I want to grow some sunchokes as I really love the flavor of them but KNOW they would go wild here if I'm not careful. Plus, I love the flowers that smell like chocolate to me as well. I'm thinking I could cut out the bottom of 5 gallon buckets and bury them deep so the roots will be easy to harvest without missing any. my question is since it's pretty tough plastic on these buckets, what would you do to cut them out?


----------



## Katey (Oct 1, 2007)

A sawzall?


----------



## Katey (Oct 1, 2007)

Maybe a sabre saw if you have one would be easier.


----------



## Oggie (May 29, 2003)

Cut off the botton 3/4 inch with a circular saw using its rip fence as a guide. Set the blade depth only 1/2 an inch or so more than the bucket side is thick.


----------



## deaconjim (Oct 31, 2005)

Are you cutting on the flat part or on the round sides? If you want to cut out the flat bottom, use a jig saw.


----------



## ronbre (Apr 26, 2009)

all good info but also you could put your sunchokes in a raised bed..and they probably won't spread beyond it..esp if the bottoms of the boards are buried a little..

i have very invasive plants in raised beds and they generally stay where theya re

also the 4" plastic edgeing might work, i use that in a lot of my gardens here..find it at Menards garden center


----------



## NickieL (Jun 15, 2007)

Raised beds would cost me $$$ unless I could find some wood somewhere tossed out on the curb. I have the buckets though, which would cost me nothing and I wouldn't have to buy dirt to fill it up either, I figure I can cut each bucket in half so I won't have to dig too deep to bury them. I can borrow the tool to cut the buckets either from my neighbor or my FIL.


----------



## highlands (Jul 18, 2004)

We use a skilsaw. One person holds the saw, the other holds and rotates the bucket or barrel. The person holding the saw simply holds carefully. They do not move the saw around. Having a good base to rotate the drum on helps a lot. Get going and you can do a lot of these quickly. This works great for cutting down 50 gallon barrels to be animal feeders, waterers and such.
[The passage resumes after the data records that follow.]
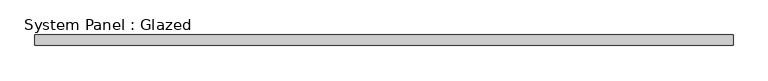
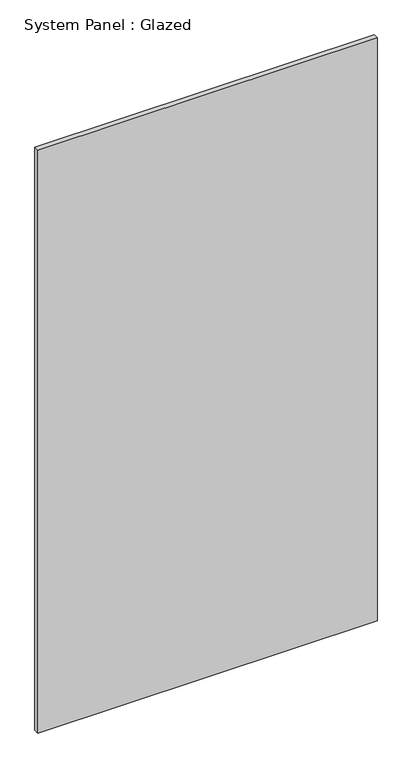
"""IFC4 building model written with IfcOpenShell, lengths in millimetres: plate geometry, System Panel : Glazed."""

from ifc_helpers import new_model, si_unit, origin, origin_with_axes, place, context, project, spatial, polyline, outline, extrude, source, transform, mapped, element, save


def system_panel_glazed_f5bfe384(model_context):
    return source(origin(), model_context, "Body", "SweptSolid", [
        extrude(outline(polyline([(825.6349237, 24.5), (-825.6349237, 24.5), (-825.6349237, 49.5), (825.6349237, 49.5), (825.6349237, 24.5)])), origin_with_axes(), (0.0, 0.0, 1.0), 3000.0),
    ])


if __name__ == "__main__":
    model = new_model("IFC4")
    model_context = context("Model", 3, world=origin())
    ifc_project = project(units=[si_unit("LENGTHUNIT", "METRE", prefix="MILLI")], contexts=[model_context])
    site = spatial("IfcSite", under=ifc_project)
    building = spatial("IfcBuilding", under=site)
    placement = place(None, origin())
    system_panel_glazed_shape = system_panel_glazed_f5bfe384(model_context)
    element("IfcPlate", 1, ObjectType="System Panel : Glazed", at=placement, inside=building, context=model_context, shape_type="MappedRepresentation", body=[
        mapped(system_panel_glazed_shape, transform((0.0, 0.0, 0.0), x_axis=(1.0, 0.0, 0.0), y_axis=(0.0, 1.0, 0.0), z_axis=(0.0, 0.0, 1.0))),
    ])
    save(model, "model.ifc")

# Revit data of these elements
# Type "System Panel : Glazed"
#   Keynote = "H11"
#   Construction Type Id = "GSP4R"
#   Analytic Construction = "1/8 in Pilkington single glazing"
#   Visual Light Transmittance = 0.9
#   Solar Heat Gain Coefficient = 0.86
#   Heat Transfer Coefficient (U) = 6.7069 W/(m²·K)
#   Define Thermal Properties by = 1
# Element 1 (IfcPlate, "System Panel : Glazed")
#   Materials on its faces: "Glass"
# Materials
#   "Glass": class "Glass", colour RGB 0 128 192, transparency 0.9, Description = "Soda Lime Glass", Cost = 0
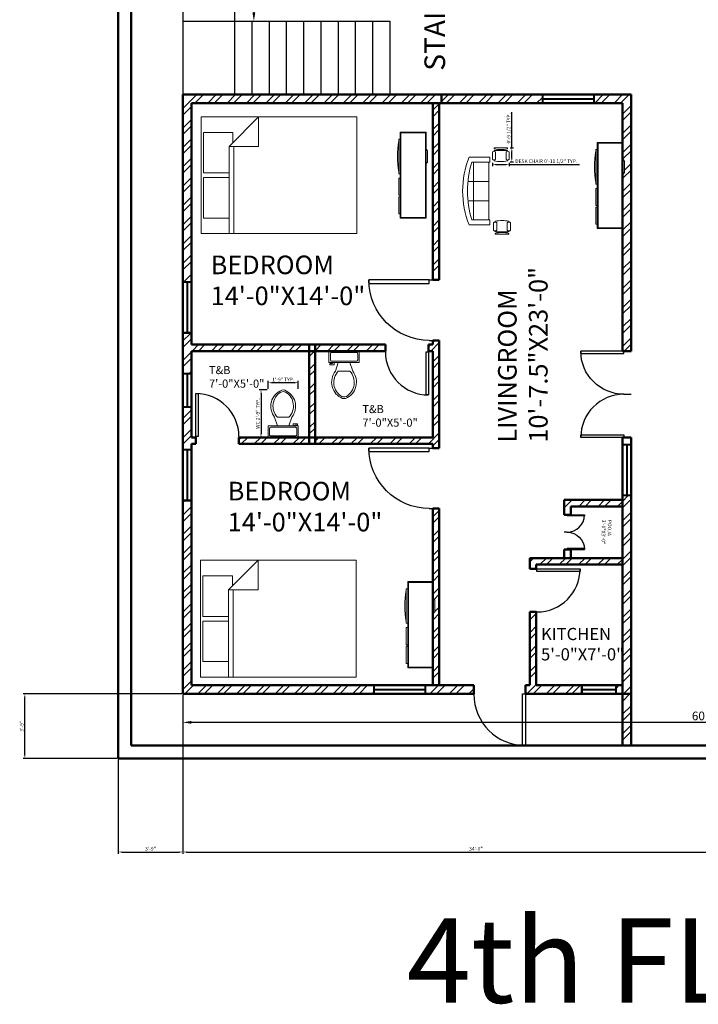
# Model space of a CAD drawing. Units: inches. Extents: x -12550 to 6516, y 1273 to 18700.
# Tile 16 of 19: x 5571 to 6043, y 1273 to 1958. Entities that reach past the tile are written whole.
import ezdxf

# ---------------------------------------------------------------- set-up
doc = ezdxf.new("R2010")
doc.units = ezdxf.units.IN
for name, color, linetype, lineweight in [('A-ANNO-DIMS', 2, 'Continuous', 18), ('A-ANNO-TEXT', 7, 'Continuous', 25), ('A-AREA-IDEN', 1, 'Continuous', 18), ('A-DOOR', 5, 'Continuous', 25), ('A-FLOR-STRS', 6, 'Continuous', 25), ('A-FURN', 8, 'Continuous', 18), ('A-GLAZ', 3, 'Continuous', 25), ('A-WALL', 7, 'Continuous', 50), ('A-WALL-PATT', 8, 'Continuous', 13)]:
    doc.layers.add(name, color=color, linetype=linetype, lineweight=lineweight)
doc.styles.get("Standard").update_dxf_attribs({"font": 'arial.ttf'})
doc.dimstyles.new('ISO-25', dxfattribs={"dimtxt": 2.5, "dimasz": 2.5, "dimexe": 1.25, "dimexo": 0.625, "dimtad": 1, "dimlunit": 4, "dimtxsty": 'Standard', "dimcen": 2.5, "dimadec": 0, "dimazin": 0, "dimtfac": 1, "dimtmove": 0, "dimatfit": 3, "dimfxl": 1, "dimarcsym": 0})
pattern_1 = [(45, (3666.851, 0), (-6.735192, 6.735192), []), (45, (3671.341, 0), (-6.735192, 6.735192), [])]

# ---------------------------------------------------------------- blocks, each defined once
blk = doc.blocks.new('*U2')
for p, q in [((0, 0), (0, -5)), ((30, 0), (30, -5))]:
    blk.add_line(p, q)
blk.add_lwpolyline([(0, 0), (0, 30), (1.75, 30), (1.75, 0)], close=True)
blk.add_arc((0, 0), 30, 0, 90)
blk = doc.blocks.new('Bed - Queen')
for p, q in [((0, -80.00003), (0, 0)), ((0, 0), (59.99999, 0)), ((59.99999, 0), (59.99999, -80.00003)), ((7.99999, -1.2), (28.79998, -1.2)), ((7.99999, -14.4), (7.99999, -1.2)), ((28.79998, -1.2), (28.79998, -14.4)), ((31.19999, -1.2), (51.99999, -1.2)), ((31.19999, -14.4), (31.19999, -1.2)), ((51.99999, -1.2), (51.99999, -16.4)), ((0, -14.4), (44.8, -14.4)), ((59.99999, -29.6), (44.8, -14.4)), ((44.8, -14.4), (44.8, -29.6)), ((44.8, -16.8), (0, -16.8)), ((51.99999, -16.4), (46.79936, -16.4)), ((44.8, -29.6), (59.99999, -29.6)), ((59.99999, -80.00003), (0, -80.00003))]:
    blk.add_line(p, q)
blk = doc.blocks.new('Toilet - top')
for p, q in [((9.5, -6), (9.5, -2)), ((-10, -8.5), (-8, -8.5)), ((-10, -9.5), (-10, -8.5)), ((-7, -9.5), (-10, -9.5)), ((-8, -8.5), (-8, -8)), ((-7, -8), (-7, -9.5)), ((-4, -8), (-6, -14)), ((4, -8), (6, -14)), ((4, -14), (-4, -14))]:
    blk.add_line(p, q)
blk.add_lwpolyline([(10.5, -8), (10.5, 0), (-10.5, 0), (-10.5, -8)], close=True)
for points in [[(-9.5, -2), (-9.5, -6)], [(8.5, -1), (-8.5, -1)], [(-8.5, -7), (8.5, -7)]]:
    blk.add_lwpolyline(points)
for centre, radius, start, end in [((-8.62, -1.88), 0.884, 81.8699, 188.1301), ((-8.62, -6.12), 0.884, 171.8699, 278.1301), ((8.62, -1.88), 0.884, 351.8699, 98.1301), ((8.62, -6.12), 0.884, 261.8699, 8.1301), ((3.52, -21.58), 12.17, 141.46911, 247.97143), ((4.2, -21.82), 11.33, 136.36773, 238.94682), ((-3.52, -21.58), 12.17, 292.02843, 38.53071), ((-4.2, -21.82), 11.33, 301.05301, 43.63209), ((0, -27.88), 4, 245.73182, 294.26817), ((0, -29), 4, 254.86053, 285.13947)]:
    blk.add_arc(centre, radius, start, end)
blk = doc.blocks.new('Entertainment Center')
for p, q in [((-4, 0), (-5, -1)), ((4, 0), (-4, 0)), ((5, -1), (4, 0)), ((-17, -19), (-17, -1)), ((-17, -1), (43, -1)), ((-16.5, -18.5), (-16.5, -1.5)), ((-16.5, -1.5), (42.5, -1.5)), ((42.5, -1.5), (42.5, -18.5)), ((43, -1), (43, -19)), ((43, -19), (-17, -19)), ((42.5, -18.5), (-16.5, -18.5)), ((-12, -20), (-12, -19)), ((12, -20), (-12, -20)), ((12, -19), (12, -20)), ((15, -20), (15, -19)), ((27, -20), (15, -20)), ((27, -19), (27, -20)), ((28, -20), (28, -19)), ((40, -20), (28, -20)), ((40, -19), (40, -20))]:
    blk.add_line(p, q)
blk.add_arc((0, 40), 61, 259.6111, 280.3889)
blk = doc.blocks.new('Sofa - Roundback 7 ft.')
for p, q in [((-36.000027, -34), (-36.000027, -11.4696)), ((-12.00002, -32.4421), (-12.00003, -6.5971)), ((11.99997, -32.4421), (11.99998, -6.5971)), ((35.99998, -34), (35.99998, -11.4696)), ((-35.999844, -13.3819), (35.9998, -13.3819)), ((-36.000027, -32.4421), (35.99998, -32.4421))]:
    blk.add_line(p, q)
for points in [[(-36.000027, -34), (-42.000027, -34), (-42.000027, -8)], [(41.99998, -8), (41.99998, -34), (35.99998, -34)]]:
    blk.add_lwpolyline(points)
for centre, radius, start, end in [((0, -114.25), 114.25, 68.43141, 111.5686), ((-0.00001, -127.1968), 121.1968, 72.72033, 107.2797)]:
    blk.add_arc(centre, radius, start, end)
blk = doc.blocks.new('Chair - Desk')
for p, q in [((-8.5, 0), (-8.5, -1)), ((-8.5, 0), (8.5, 0)), ((8.5, 0), (8.5, -1)), ((-10.5, -5), (-10.5, -14)), ((-8.5, -3), (-8.5, -4)), ((-8.5, -3), (8.5, -3)), ((-6.5, -14), (-6.5, -5)), ((-2, -3), (-2, -1.9355)), ((2, -1.9576), (2, -3)), ((6.5, -5), (6.5, -14)), ((8.5, -3), (8.5, -4)), ((10.5, -14), (10.5, -5)), ((-8.5, -15), (-8.5, -16)), ((8.5, -15), (8.5, -16))]:
    blk.add_line(p, q)
for centre, radius, start, end in [((-8.5, -6.5), 2.5, 36.8699, 143.1301), ((0, 34.625), 36.625, 256.5803, 283.4197), ((8.5, -6.5), 2.5, 36.8699, 143.1301), ((-8.5, -12.5), 2.5, 216.8699, 323.1301), ((0, 19.625), 36.625, 256.5803, 283.4197), ((8.5, -12.5), 2.5, 216.8699, 323.1301)]:
    blk.add_arc(centre, radius, start, end)
blk = doc.blocks.new('*D60')
at = {"layer": 'A-ANNO-DIMS', "color": 0, "lineweight": -2, "transparency": 16777216}
for p, q in [((5721.16, 2008.25), (5735.21, 2008.25)), ((5733.96, 2002.25), (5733.96, 1963.25)), ((5721.16, 1957.25), (5735.21, 1957.25))]:
    blk.add_line(p, q, dxfattribs=at)
at = {"layer": 'A-ANNO-DIMS', "color": 0, "transparency": 16777216}
for points in [[(5732.96, 2002.25), (5734.96, 2002.25), (5733.96, 2008.25)], [(5732.96, 1963.25), (5734.96, 1963.25), (5733.96, 1957.25)]]:
    blk.add_solid(points, dxfattribs=at)
at = {"layer": 'Defpoints', "color": 0, "transparency": 16777216}
for p in [(5720.54, 2008.25), (5720.54, 1957.25), (5733.96, 1957.25)]:
    blk.add_point(p, dxfattribs=at)
at = {"layer": 'A-ANNO-DIMS', "color": 0, "transparency": 16777216, "insert": (5730.27, 1982.75), "char_height": 6, "attachment_point": 5, "rotation": 90}
blk.add_mtext('4\'-3"', dxfattribs=at)
blk = doc.blocks.new('*D55')
at = {"layer": 'A-ANNO-DIMS', "color": 0, "lineweight": -2, "transparency": 16777216}
for p, q in [((5684.54, 1488.62), (5684.54, 1468.21)), ((6404.54, 1488.62), (6404.54, 1468.21)), ((6398.54, 1469.46), (5690.54, 1469.46))]:
    blk.add_line(p, q, dxfattribs=at)
at = {"layer": 'A-ANNO-DIMS', "color": 0, "transparency": 16777216}
for points in [[(5690.54, 1470.46), (5690.54, 1468.46), (5684.54, 1469.46)], [(6398.54, 1470.46), (6398.54, 1468.46), (6404.54, 1469.46)]]:
    blk.add_solid(points, dxfattribs=at)
at = {"layer": 'Defpoints', "color": 0, "transparency": 16777216}
for p in [(5684.54, 1489.25), (6404.54, 1489.25), (5684.54, 1469.46)]:
    blk.add_point(p, dxfattribs=at)
at = {"layer": 'A-ANNO-DIMS', "color": 0, "transparency": 16777216, "insert": (6044.54, 1473.15), "char_height": 6, "attachment_point": 5}
blk.add_mtext("60'", dxfattribs=at)
blk = doc.blocks.new('WIN-3FT')
for p, q in [((0, 0), (0, 6)), ((0, 6), (36.02, 6)), ((36.02, 0), (0, 0)), ((0.5, 0), (0.5, 6)), ((35.52, 3.2), (0.5, 3.2)), ((35.52, 2.8), (0.5, 2.8)), ((35.52, 6), (35.52, 0)), ((36.02, 6), (36.02, 0))]:
    blk.add_line(p, q)
blk = doc.blocks.new('WIN-2FT')
for p, q in [((0, 0), (0, 24.02)), ((0, 24.02), (6, 24.02)), ((0, 23.52), (6, 23.52)), ((2.8, 0.5), (2.8, 23.52)), ((3.2, 0.5), (3.2, 23.52)), ((6, 24.02), (6, 0)), ((6, 0.5), (0, 0.5)), ((6, 0), (0, 0))]:
    blk.add_line(p, q)
blk = doc.blocks.new('*D71')
at = {"layer": 'A-ANNO-DIMS', "color": 0, "lineweight": -2, "transparency": 16777216}
for p, q in [((5743.26, 1700.79), (5737.68, 1700.79)), ((5738.93, 1698.29), (5738.93, 1670.25)), ((5743.26, 1667.75), (5737.68, 1667.75))]:
    blk.add_line(p, q, dxfattribs=at)
at = {"layer": 'A-ANNO-DIMS', "color": 0, "transparency": 16777216}
for points in [[(5738.51, 1698.29), (5739.35, 1698.29), (5738.93, 1700.79)], [(5738.51, 1670.25), (5739.35, 1670.25), (5738.93, 1667.75)]]:
    blk.add_solid(points, dxfattribs=at)
at = {"layer": 'Defpoints', "color": 0, "transparency": 16777216}
for p in [(5743.89, 1700.79), (5738.93, 1667.75), (5743.89, 1667.75)]:
    blk.add_point(p, dxfattribs=at)
at = {"layer": 'A-ANNO-DIMS', "color": 0, "transparency": 16777216, "insert": (5737.01, 1684.27), "char_height": 2.5, "attachment_point": 5, "rotation": 90}
blk.add_mtext('WC 2\'-9" TYP.', dxfattribs=at)
blk = doc.blocks.new('*D72')
at = {"layer": 'A-ANNO-DIMS', "color": 0, "lineweight": -2, "transparency": 16777216}
for p, q in [((5743.89, 1701.42), (5743.89, 1707)), ((5764.89, 1701.42), (5764.89, 1707)), ((5762.39, 1705.75), (5746.39, 1705.75))]:
    blk.add_line(p, q, dxfattribs=at)
at = {"layer": 'A-ANNO-DIMS', "color": 0, "transparency": 16777216}
for points in [[(5746.39, 1706.17), (5746.39, 1705.33), (5743.89, 1705.75)], [(5762.39, 1706.17), (5762.39, 1705.33), (5764.89, 1705.75)]]:
    blk.add_solid(points, dxfattribs=at)
at = {"layer": 'Defpoints', "color": 0, "transparency": 16777216}
for p in [(5743.89, 1705.75), (5743.89, 1700.79), (5764.89, 1700.79)]:
    blk.add_point(p, dxfattribs=at)
at = {"layer": 'A-ANNO-DIMS', "color": 0, "transparency": 16777216, "insert": (5754.39, 1707.65), "char_height": 2.5, "attachment_point": 5}
blk.add_mtext('1\'-9" TYP.', dxfattribs=at)
blk = doc.blocks.new('*D73')
at = {"layer": 'A-ANNO-DIMS', "color": 0, "lineweight": -2, "transparency": 16777216}
for p, q in [((5900.01, 1858.8), (5900.01, 1856.41)), ((5902.51, 1857.66), (5909.26, 1857.66)), ((5911.76, 1858.8), (5911.76, 1856.41)), ((5911.76, 1857.66), (5960.71, 1857.66))]:
    blk.add_line(p, q, dxfattribs=at)
at = {"layer": 'A-ANNO-DIMS', "color": 0, "transparency": 16777216}
for points in [[(5902.51, 1858.08), (5902.51, 1857.24), (5900.01, 1857.66)], [(5909.26, 1858.08), (5909.26, 1857.24), (5911.76, 1857.66)]]:
    blk.add_solid(points, dxfattribs=at)
at = {"layer": 'Defpoints', "color": 0, "transparency": 16777216}
for p in [(5900.01, 1859.42), (5911.76, 1859.42), (5911.76, 1857.66)]:
    blk.add_point(p, dxfattribs=at)
at = {"layer": 'A-ANNO-DIMS', "color": 0, "transparency": 16777216, "insert": (5937.48, 1859.58), "char_height": 2.5, "attachment_point": 5}
blk.add_mtext('DESK CHAIR 0\'-11 1/2" TYP.', dxfattribs=at)
blk = doc.blocks.new('*D74')
at = {"layer": 'A-ANNO-DIMS', "color": 0, "lineweight": -2, "transparency": 16777216}
for p, q in [((5913.52, 1869.12), (5913.52, 1893.94)), ((5912.38, 1869.12), (5914.77, 1869.12)), ((5913.52, 1861.92), (5913.52, 1866.62)), ((5912.38, 1859.42), (5914.77, 1859.42))]:
    blk.add_line(p, q, dxfattribs=at)
at = {"layer": 'A-ANNO-DIMS', "color": 0, "transparency": 16777216}
for points in [[(5913.1, 1866.62), (5913.94, 1866.62), (5913.52, 1869.12)], [(5913.1, 1861.92), (5913.94, 1861.92), (5913.52, 1859.42)]]:
    blk.add_solid(points, dxfattribs=at)
at = {"layer": 'Defpoints', "color": 0, "transparency": 16777216}
for p in [(5911.76, 1869.12), (5913.52, 1869.12), (5911.76, 1859.42)]:
    blk.add_point(p, dxfattribs=at)
at = {"layer": 'A-ANNO-DIMS', "color": 0, "transparency": 16777216, "insert": (5911.6, 1882.78), "char_height": 2.5, "attachment_point": 5, "rotation": 90}
blk.add_mtext('0\'-9 1/2" TYP.', dxfattribs=at)
blk = doc.blocks.new('*D123')
at = {"layer": 'A-ANNO-DIMS', "color": 0, "lineweight": -2, "transparency": 16777216}
for p, q in [((5684.54, 1488.62), (5684.54, 1378)), ((5639.54, 1443.62), (5639.54, 1378)), ((5642.04, 1379.25), (5682.04, 1379.25))]:
    blk.add_line(p, q, dxfattribs=at)
at = {"layer": 'A-ANNO-DIMS', "color": 0, "transparency": 16777216}
for points in [[(5642.04, 1379.66), (5642.04, 1378.83), (5639.54, 1379.25)], [(5682.04, 1379.66), (5682.04, 1378.83), (5684.54, 1379.25)]]:
    blk.add_solid(points, dxfattribs=at)
at = {"layer": 'Defpoints', "color": 0, "transparency": 16777216}
for p in [(5684.54, 1489.25), (5639.54, 1444.25), (5684.54, 1379.25)]:
    blk.add_point(p, dxfattribs=at)
at = {"layer": 'A-ANNO-DIMS', "color": 0, "transparency": 16777216, "insert": (5662.04, 1381.15), "char_height": 2.5, "attachment_point": 5}
blk.add_mtext('3\'-9"', dxfattribs=at)
blk = doc.blocks.new('*D124')
at = {"layer": 'A-ANNO-DIMS', "color": 0, "lineweight": -2, "transparency": 16777216}
for p, q in [((5684.54, 1488.62), (5684.54, 1378)), ((6092.54, 1488.62), (6092.54, 1378)), ((5687.04, 1379.25), (6090.04, 1379.25))]:
    blk.add_line(p, q, dxfattribs=at)
at = {"layer": 'A-ANNO-DIMS', "color": 0, "transparency": 16777216}
for points in [[(5687.04, 1379.66), (5687.04, 1378.83), (5684.54, 1379.25)], [(6090.04, 1379.66), (6090.04, 1378.83), (6092.54, 1379.25)]]:
    blk.add_solid(points, dxfattribs=at)
at = {"layer": 'Defpoints', "color": 0, "transparency": 16777216}
for p in [(5684.54, 1489.25), (6092.54, 1489.25), (6092.54, 1379.25)]:
    blk.add_point(p, dxfattribs=at)
at = {"layer": 'A-ANNO-DIMS', "color": 0, "transparency": 16777216, "insert": (5888.54, 1381.15), "char_height": 2.5, "attachment_point": 5}
blk.add_mtext('34\'-0"', dxfattribs=at)
blk = doc.blocks.new('*D128')
at = {"layer": 'A-ANNO-DIMS', "color": 0, "lineweight": -2, "transparency": 16777216}
for p, q in [((5683.91, 1489.25), (5573.29, 1489.25)), ((5574.54, 1446.75), (5574.54, 1486.75)), ((5638.91, 1444.25), (5573.29, 1444.25))]:
    blk.add_line(p, q, dxfattribs=at)
at = {"layer": 'A-ANNO-DIMS', "color": 0, "transparency": 16777216}
for points in [[(5574.12, 1486.75), (5574.96, 1486.75), (5574.54, 1489.25)], [(5574.12, 1446.75), (5574.96, 1446.75), (5574.54, 1444.25)]]:
    blk.add_solid(points, dxfattribs=at)
at = {"layer": 'Defpoints', "color": 0, "transparency": 16777216}
for p in [(5574.54, 1489.25), (5684.54, 1489.25), (5639.54, 1444.25)]:
    blk.add_point(p, dxfattribs=at)
at = {"layer": 'A-ANNO-DIMS', "color": 0, "transparency": 16777216, "insert": (5572.64, 1466.75), "char_height": 2.5, "attachment_point": 5, "rotation": 90}
blk.add_mtext('3\'-9"', dxfattribs=at)

msp = doc.modelspace()

# ---------------------------------------------------------------- hatches: boundary and pattern name
at = {"layer": 'A-WALL-PATT'}
h = msp.add_hatch(dxfattribs=at)
h.set_pattern_fill('ANSI32', color=256)
h.set_pattern_definition(pattern_1)
h.paths.add_polyline_path([(5690.54, 1900.247), (5864.54, 1900.247), (5864.54, 1906.247), (5684.54, 1906.247), (5684.54, 1776.138), (5690.54, 1776.138)])
h = msp.add_hatch(dxfattribs=at)
h.set_pattern_fill('ANSI32', color=256)
h.set_pattern_definition(pattern_1)
h.paths.add_polyline_path([(5934.791, 1906.247), (5864.54, 1906.247), (5864.54, 1900.247), (5934.791, 1900.247)])
h = msp.add_hatch(dxfattribs=at)
h.set_pattern_fill('ANSI32', color=256)
h.set_pattern_definition(pattern_1)
h.paths.add_polyline_path([(5996.54, 1906.247), (5970.808, 1906.247), (5970.808, 1900.247), (5990.54, 1900.247), (5990.54, 1872.972), (5991.04, 1872.972), (5991.04, 1860.972), (5992.04, 1859.972), (5992.04, 1851.972), (5991.04, 1850.972), (5991.04, 1812.972), (5990.54, 1727.747), (5991.54, 1727.747), (5996.54, 1727.747)])
h = msp.add_hatch(dxfattribs=at)
h.set_pattern_fill('ANSI32', color=256)
h.set_pattern_definition(pattern_1)
h.paths.add_polyline_path([(5863.04, 1900.247), (5858.54, 1900.247), (5858.54, 1777.247), (5863.04, 1777.247)], flags=17)
h = msp.add_hatch(dxfattribs=at)
h.set_pattern_fill('ANSI32', color=256)
h.set_pattern_definition(pattern_1)
h.paths.add_polyline_path([(5772.54, 1732.247), (5690.54, 1732.247), (5690.54, 1740.121), (5684.54, 1740.121), (5684.54, 1712.466), (5690.54, 1712.466), (5690.54, 1727.747), (5772.54, 1727.747)])
h = msp.add_hatch(dxfattribs=at)
h.set_pattern_fill('ANSI32', color=256)
h.set_pattern_definition(pattern_1)
h.paths.add_polyline_path([(5863.04, 1735.247), (5858.54, 1735.247), (5858.54, 1732.247), (5855.54, 1732.247), (5855.54, 1727.747), (5858.54, 1727.747), (5858.54, 1667.747), (5776.54, 1667.747), (5776.54, 1663.247), (5858.54, 1663.247), (5858.54, 1660.247), (5863.04, 1660.247)])
h = msp.add_hatch(dxfattribs=at)
h.set_pattern_fill('ANSI32', color=256)
h.set_pattern_definition(pattern_1)
h.paths.add_polyline_path([(5776.54, 1727.747), (5772.54, 1727.747), (5772.54, 1667.747), (5776.54, 1667.747)])
h = msp.add_hatch(dxfattribs=at)
h.set_pattern_fill('ANSI32', color=256)
h.set_pattern_definition(pattern_1)
h.paths.add_polyline_path([(5825.54, 1732.247), (5776.54, 1732.247), (5776.54, 1727.747), (5825.54, 1727.747)], flags=17)
h = msp.add_hatch(dxfattribs=at)
h.set_pattern_fill('ANSI32', color=256)
h.set_pattern_definition(pattern_1)
h.paths.add_polyline_path([(5690.54, 1688.449), (5684.54, 1688.449), (5684.54, 1659.453), (5690.54, 1659.453), (5690.54, 1663.247), (5693.54, 1663.247), (5693.54, 1667.747), (5690.54, 1667.747)])
h = msp.add_hatch(dxfattribs=at)
h.set_pattern_fill('ANSI32', color=256)
h.set_pattern_definition(pattern_1)
h.paths.add_polyline_path([(5772.54, 1667.747), (5723.54, 1667.747), (5723.54, 1663.247), (5772.54, 1663.247)])
h = msp.add_hatch(dxfattribs=at)
h.set_pattern_fill('ANSI32', color=256)
h.set_pattern_definition(pattern_1)
h.paths.add_polyline_path([(5990.54, 1624.247), (5950.04, 1624.247), (5950.04, 1613.747), (5952.04, 1613.747), (5954.54, 1613.747), (5954.54, 1619.747), (5990.54, 1619.747)])
h = msp.add_hatch(dxfattribs=at)
h.set_pattern_fill('ANSI32', color=256)
h.set_pattern_definition(pattern_1)
h.paths.add_polyline_path([(5996.54, 1627.032), (5990.54, 1627.032), (5990.54, 1495.247), (5986.145, 1495.247), (5986.145, 1489.247), (5996.54, 1489.247)])
h = msp.add_hatch(dxfattribs=at)
h.set_pattern_fill('ANSI32', color=256)
h.set_pattern_definition(pattern_1)
h.paths.add_polyline_path([(5690.54, 1623.435), (5684.54, 1623.435), (5684.54, 1489.247), (5817.49, 1489.247), (5817.49, 1495.247), (5690.54, 1495.247)])
h = msp.add_hatch(dxfattribs=at)
h.set_pattern_fill('ANSI32', color=256)
h.set_pattern_definition(pattern_1)
h.paths.add_polyline_path([(5863.04, 1618.247), (5858.54, 1618.247), (5858.54, 1567.365), (5859.04, 1567.365), (5859.04, 1555.365), (5860.04, 1554.365), (5860.04, 1546.365), (5859.04, 1545.365), (5859.04, 1507.365), (5858.54, 1495.247), (5863.04, 1495.247)])
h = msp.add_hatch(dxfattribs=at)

Do be careful when playing with power tools, provided you wish to continue doing so...

Cheers

-Walter
Sugar Mountain Farm
Pastured Pigs, Sheep & Kids
in the mountains of Vermont
Read about our on-farm butcher shop project:
http://SugarMtnFarm.com/butchershop
http://SugarMtnFarm.com/csa


----------



## HOTW (Jul 3, 2007)

I had to cut hole sout of 5 gallon buckets a year ago. I used a drill to make a hole large enough for the jugsaw to get in then went to town.


----------



## sheepish (Dec 9, 2006)

Why not just drill large holes in the bottom. Then dig a hole, put the bucket in and put the dirt back in the bucket. This is what I did with mints years ago. It has kept them from spreading.


----------



## NickieL (Jun 15, 2007)

well, I thought about that and then thought maybe if I do that when it rained it may not drain so well. We tend to get a LOT of rain at a time.


----------



## nehimama (Jun 18, 2005)

I'm lo-tech, and I'd go with HotW's advice. Drill a few holes in the bottom around the circumference (that a jigsaw blade would fit into), insert jigsaw and go to it. Heck, even one hole would get you started and allow you to finish the job. Three minutes, tops.


----------



## Cabin Fever (May 10, 2002)

Use your drill press and an adjustable hole saw bit set at 10" to 10.5" (depending on the size of your bucket)


----------